Addition of Benzodiazepines Increases Risk of Overdose among Opioid Users.
Patients treated with opioids for pain who also receive benzodiazepines face an increased risk of death from drug overdose, with higher benzodiazepine dosage raising that risk, a new study co-authored by researchers from the School of Public Health, Brown University, and the Department of Veterans Affairs shows.
While the study could not determine whether benzodiazepines were the direct cause of overdose deaths, it did find that receipt of concurrent benzodiazepines was associated with an increased risk of overdose deaths in a large, national sample of veterans who were taking opioid analgesics. Benzodiazepines—medications commonly used to treat anxiety and insomnia—are often prescribed for patients also receiving high doses of opioid analgesics, used to treat pain.
“Although the design of this study does not allow for the determination of the extent to which benzodiazepines cause deaths from overdose, it does indicate a need for clinicians to be aware of the increased risk among patients currently receiving benzodiazepines and opioids, and that the risk might be higher among those receiving higher doses of either or both drugs,” the study, published in BMJ, says.
The heightened risk “might be due to risks inherent to those (patients) prescribed benzodiazepines, such as the presence of an anxiety condition and/or to the benzodiazepine itself,” the authors said. “Thus, clinicians should be cautious when prescribing benzodiazepines to this group.”
The researchers studied 2,400 US veterans, primarily male, who received Veterans Health Administration (VHA) opioid prescriptions in the years 2004-2009 and who died from a drug overdose. Of that group, 1,185 (49 percent) died during a period in which they had been prescribed concurrent benzodiazepines.
Unadjusted rates of death from overdose were higher during periods when the veterans were receiving benzodiazepines and opioids than if they had stopped receiving benzodiazepines or were only receiving opioids. The rates of death from overdose increased at consecutively higher categories of daily benzodiazepine dose.
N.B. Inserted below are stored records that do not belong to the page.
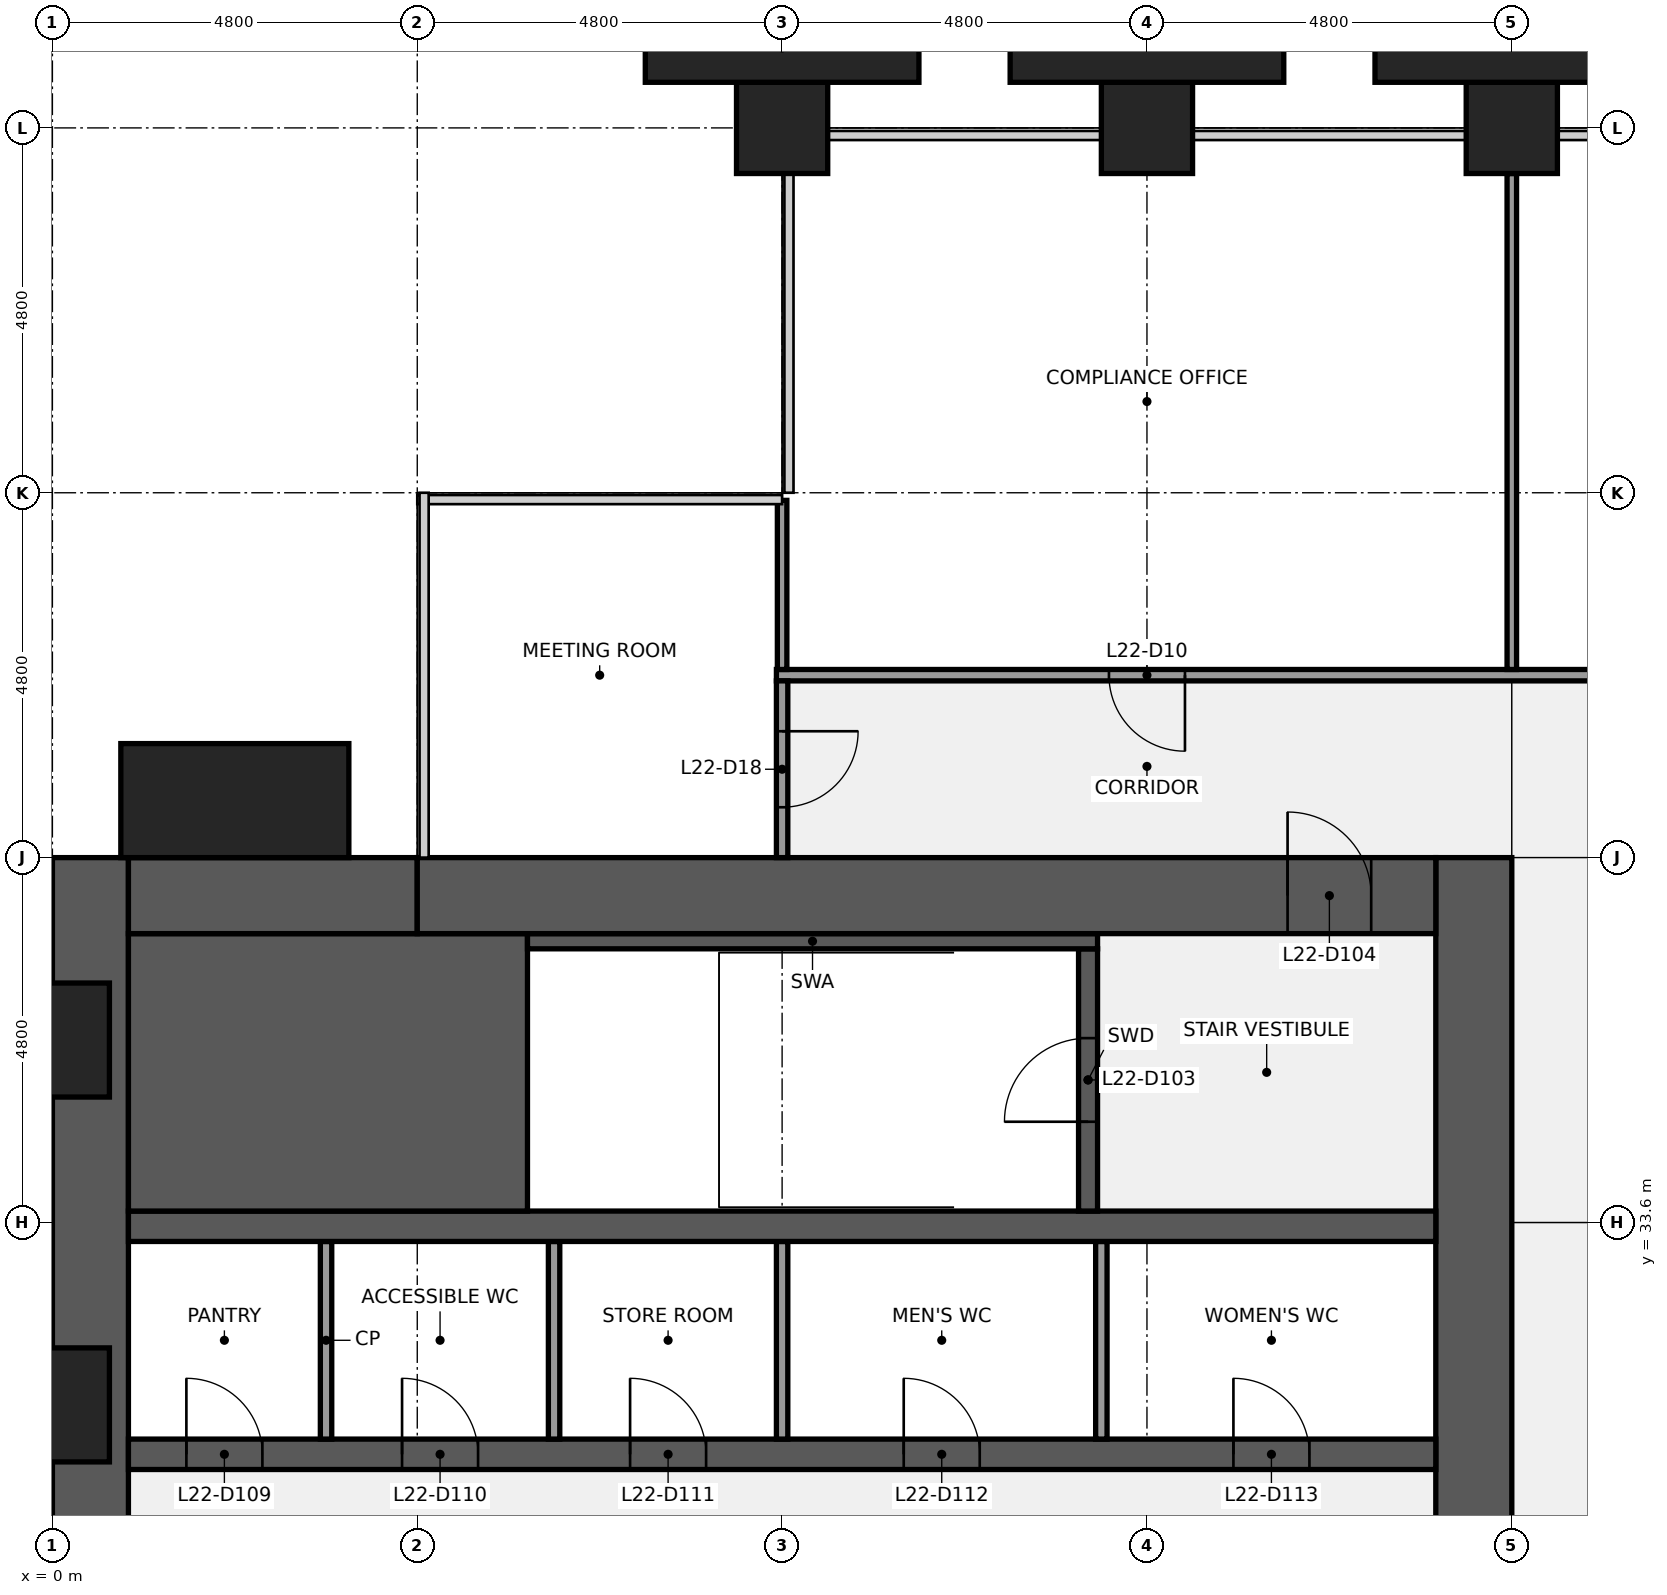
"""IFC4 building model, lengths in metres.
Left out: names, types, materials, properties, quantities, classifications, styles, units other than length and angle.
Written with IfcOpenShell. Run it as: python <this file> out.ifc"""

import sys

from ifc_helpers import new_model, si_unit, direction, frame, frame_2d, origin, origin_2d, place, context, subcontext, project, spatial, rectangle, extrude, element, fill, save


model = new_model("IFC4")
c1 = context("Model", 3, precision=1e-05, world=origin(), true_north=direction((0.0, 1.0)))
c2 = subcontext(c1, "Body", "Model", "MODEL_VIEW")
j1 = project(units=[si_unit("LENGTHUNIT", "METRE"), si_unit("PLANEANGLEUNIT", "RADIAN")], contexts=[c1])
p1 = place(None, origin())
s1 = spatial("IfcSite", under=j1, at=p1, CompositionType="ELEMENT")
p2 = place(p1, origin())
s2 = spatial("IfcBuilding", under=s1, at=p2, CompositionType="ELEMENT")
p3 = place(p2, frame((0.0, 0.0, 108.1)))
s3 = spatial("IfcBuildingStorey", under=s2, at=p3, CompositionType="ELEMENT", Elevation=108.1)
for number, where, z_axis, x_axis in (
    (1, (9.6, 48.0, 0.0), (0.0, 0.0, 1.0), (1.0, 0.0, 0.0)),
    (2, (14.4, 48.0, 0.0), (0.0, 0.0, 1.0), (1.0, 0.0, 0.0)),
    (3, (19.2, 48.0, 0.0), (0.0, 0.0, 1.0), (1.0, 0.0, 0.0)),
):
    element("IfcColumn", number, at=place(p3, frame(where, z_axis=z_axis, x_axis=x_axis)), inside=s3, PredefinedType="COLUMN", context=c2, shape_type="SweptSolid", body=[
        extrude(rectangle(XDim=1.2, YDim=1.2, at=origin_2d()), origin(), (0.0, 0.0, 1.0), 4.0),
    ])
p4 = place(p3, frame((0.5, 9.6, 0.0), z_axis=(0.0, 0.0, 1.0), x_axis=(0.0, 1.0, 0.0)))
e4 = element("IfcWall", 4, at=p4, inside=s3, PredefinedType="SHEAR", context=c2, shape_type="SweptSolid", body=[
    extrude(rectangle(XDim=28.8, YDim=1.0, at=frame_2d((14.4, 0.0))), origin(), (0.0, 0.0, 1.0), 3.84),
])
p5 = place(p4, frame((8.85, 0.0, 0.9)))
e5 = element("IfcOpeningElement", 5, at=p5, cuts=e4, PredefinedType="OPENING", context=c2, shape_type="SweptSolid", body=[
    extrude(rectangle(XDim=1.5, YDim=1.5, at=frame_2d((0.75, 0.75))), frame((0.0, 0.51, 0.0), z_axis=(0.0, -1.0, 0.0), x_axis=(1.0, 0.0, 0.0)), (0.0, 0.0, 1.0), 1.02),
])
p6 = place(p4, frame((18.45, 0.0, 0.9)))
e6 = element("IfcOpeningElement", 6, at=p6, cuts=e4, PredefinedType="OPENING", context=c2, shape_type="SweptSolid", body=[
    extrude(rectangle(XDim=1.5, YDim=1.5, at=frame_2d((0.75, 0.75))), frame((0.0, 0.51, 0.0), z_axis=(0.0, -1.0, 0.0), x_axis=(1.0, 0.0, 0.0)), (0.0, 0.0, 1.0), 1.02),
])
p7 = place(p3, frame((18.7, 38.4, 0.0), z_axis=(0.0, 0.0, 1.0), x_axis=(0.0, -1.0, 0.0)))
e7 = element("IfcWall", 7, at=p7, inside=s3, PredefinedType="SHEAR", context=c2, shape_type="SweptSolid", body=[
    extrude(rectangle(XDim=28.8, YDim=1.0, at=frame_2d((14.4, 0.0))), origin(), (0.0, 0.0, 1.0), 3.84),
])
p8 = place(p7, frame((18.3, 0.0, 0.0)))
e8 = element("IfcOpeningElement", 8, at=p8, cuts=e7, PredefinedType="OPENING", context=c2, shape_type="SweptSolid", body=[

Periods during which veterans received lorazepam and temazepam had lower rates of death from overdose than periods involving other benzodiazepine types.
Because benzodiazepines were more likely to be prescribed to those with substance misuse and other psychiatric disorders—conditions that carry their own risk of death from overdose—the researchers said the association between receipt of benzodiazepines and overdose deaths might be partially explained by those underlying conditions.
“Although the risk of death from overdose increased in a benzodiazepine dose-response fashion, this could reflect an effect of greater psychiatric severity, or other differences between patients who did and did not receive benzodiazepines, rather than the benzodiazepine itself,” the authors said.
Because of those considerations, “benzodiazepines might be better conceptualized as a marker of risk, with unknown direct causal links to death from overdose.”
The authors said their findings were largely consistent with studies that have indicated risks associated with concurrent benzodiazepine and opioid use. Previous studies have looked at smaller subgroups of patients taking opioid analgesics. An association between opioid dose and risk of death from overdose has been found in prior studies, a finding replicated in this study.
“The risk of combining benzodiazepines and opioid analgesics was approximately four times higher than in those receiving opioids alone,” said Tae Woo Park, now an assistant professor in medicine and psychiatry at the Warren Alpert Medical School of Brown University, who did the work for his thesis as an MSc student at SPH. “Given that drug overdoses have become a leading cause of injury mortality, more research is needed to help identify which patients receiving benzodiazepines are most at risk of dying and ultimately find ways to reduce that risk.”
The study was funded by a Veteran Affairs Health Services Research and Development Service Career Development Award and by the National Institutes of Health.
Co-authors include Dara Ganoczy, a research health science specialist with the Department of Veterans Affairs; Mark A. Ilgen and Amy S. B. Bohnert, associate professors of psychiatry at the University of Michigan Medical School and researchers with the Department of Veterans Affairs in Ann Arbor; and Richard Saitz, chair of the SPH Department of Community Health Sciences.